- DVD cover.
- Starring: Gabriel Macht; Rick Hoffman; Sarah Rafferty; Amanda Schull; Dulé Hill; Katherine Heigl;
- No. of episodes: 16

Release
- Original network: USA Network
- Original release: July 18, 2018 – February 27, 2019

Season chronology
- ← Previous Season 7 Next → Season 9

= Suits season 8 =

The eighth season of the American legal drama Suits was ordered on January 30, 2018, and began airing on USA Network in the United States July 18, 2018.

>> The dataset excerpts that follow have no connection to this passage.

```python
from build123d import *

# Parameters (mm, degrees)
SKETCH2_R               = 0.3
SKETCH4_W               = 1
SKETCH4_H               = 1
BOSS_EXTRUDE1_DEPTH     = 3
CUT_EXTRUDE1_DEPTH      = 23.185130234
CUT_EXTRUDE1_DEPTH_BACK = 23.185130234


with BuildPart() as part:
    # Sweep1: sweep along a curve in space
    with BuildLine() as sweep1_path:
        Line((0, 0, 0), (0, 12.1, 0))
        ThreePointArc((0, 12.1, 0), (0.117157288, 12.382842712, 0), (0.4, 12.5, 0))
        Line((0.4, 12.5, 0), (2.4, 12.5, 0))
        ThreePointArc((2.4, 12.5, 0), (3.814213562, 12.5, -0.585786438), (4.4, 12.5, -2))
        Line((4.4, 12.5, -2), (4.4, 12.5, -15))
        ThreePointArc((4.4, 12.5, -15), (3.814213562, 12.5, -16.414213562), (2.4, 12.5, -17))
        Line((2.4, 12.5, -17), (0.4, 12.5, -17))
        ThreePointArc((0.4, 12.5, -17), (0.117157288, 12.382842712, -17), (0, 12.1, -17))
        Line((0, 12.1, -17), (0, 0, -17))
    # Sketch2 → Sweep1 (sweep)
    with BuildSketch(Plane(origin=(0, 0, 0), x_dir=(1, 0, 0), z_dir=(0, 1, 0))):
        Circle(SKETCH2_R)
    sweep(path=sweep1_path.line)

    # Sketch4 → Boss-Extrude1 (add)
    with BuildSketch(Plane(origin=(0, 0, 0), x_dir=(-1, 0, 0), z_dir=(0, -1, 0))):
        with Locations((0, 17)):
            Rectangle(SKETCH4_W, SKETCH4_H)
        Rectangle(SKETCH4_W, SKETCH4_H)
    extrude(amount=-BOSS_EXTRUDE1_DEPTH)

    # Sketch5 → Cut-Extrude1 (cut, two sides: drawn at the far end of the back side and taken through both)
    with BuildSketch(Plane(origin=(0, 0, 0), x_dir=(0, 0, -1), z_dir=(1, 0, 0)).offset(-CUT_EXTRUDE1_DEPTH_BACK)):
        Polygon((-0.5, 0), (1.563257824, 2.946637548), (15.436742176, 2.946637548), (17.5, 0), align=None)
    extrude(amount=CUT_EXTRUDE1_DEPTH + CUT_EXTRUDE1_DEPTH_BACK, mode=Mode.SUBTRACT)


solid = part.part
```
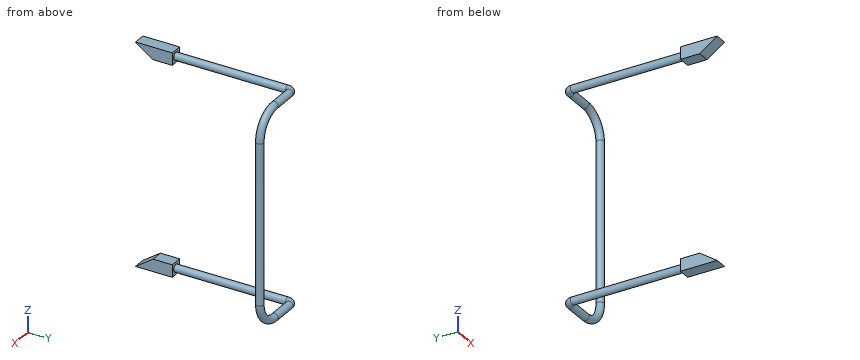
Verification items for the finished model (mm, model axes). Coordinates: 2 decimals unless noted, no trailing zeros. Write each loop counter-clockwise with the first axis right and the second up, starting at its lowest first coordinate (ties: lowest second). Pieces come first, ordered by that corner, then holes. Notation, with made-up numbers: M 50,49 L 100,49 A31 cw 100,87 Z; hole C 89,-35 d11. An arc over 180 degrees is marked long. One line per item, written item: value.
Item 1: Gauge pin test, flat ends, axial feed: pin 1 Ø2 at (x, z) = (1.5, -9) entering from -Y; pin 2 Ø2 at (x, y) = (1, 3) entering from -Z; pin 3 Ø0.5 at (x, z) = (0, -17) entering from +Y; pin 4 Ø0.5 at (y, z) = (1.5, 0) entering from +X. Record the tip position at first contact, or that the pin passes through.
Check sheet entries:
pin 1: passes through
pin 2: stops at z = -17.5
pin 3: stops at y = 12.78
pin 4: stops at x = 0.5
Item 2: Section check C-C, the plane y = 1. Record the boundary of the cut face in (x, z).
Check sheet entries:
outline: M -0.5,-17.5 L 0.5,-17.5 L 0.5,-16.8 L -0.5,-16.8 Z; M -0.5,-0.2 L 0.5,-0.2 L 0.5,0.5 L -0.5,0.5 Z
Item 3: Section check D-D, the plane z = -11. Record the boundary of the cut face in (x, y), plus the area to 3 significant figures.
Check sheet entries:
outline: C 4.4,12.5 d0.6
area: 0.283 mm^2
Item 4: Section check B-B, the plane x = 0.75. Record the boundary of the cut face in (y, z), plus the area to 3 significant figures.
Check sheet entries:
outline: C 12.5,-17 d0.6; C 12.5,0 d0.6
area: 0.565 mm^2
Item 5: Section check A-A, the plane y = 2.5. Record the boundary of the cut face in (x, z).
Check sheet entries:
outline: M -0.5,-17.5 L 0.5,-17.5 L 0.5,-16.5 L -0.5,-16.5 Z; M -0.5,-0.5 L 0.5,-0.5 L 0.5,0.5 L -0.5,0.5 Z
Item 6: Scan lines: line 1 along Z through (x, y) = (0.45, 2.25); line 2 along Z through (x, y) = (0.1, 1.25); line 3 along Y through (x, z) = (4, -1). Record each from-to range of solid material in increasing order.
Check sheet entries:
line 1: z = -17.5 to -16.5, -0.5 to 0.5
line 2: z = -17.5 to -16.62, -0.38 to 0.5
line 3: y = 12.22 to 12.78

The season saw extensive cast changes with the departures of Patrick J. Adams (Mike Ross), Meghan Markle (Rachel Zane), and Gina Torres (Jessica Pearson) at the conclusion of the previous season. Previously recurring guest stars Amanda Schull (Katrina Bennett) and Dulé Hill (Alex Williams) were promoted to series regulars, while Katherine Heigl joined the main cast as senior partner Samantha Wheeler.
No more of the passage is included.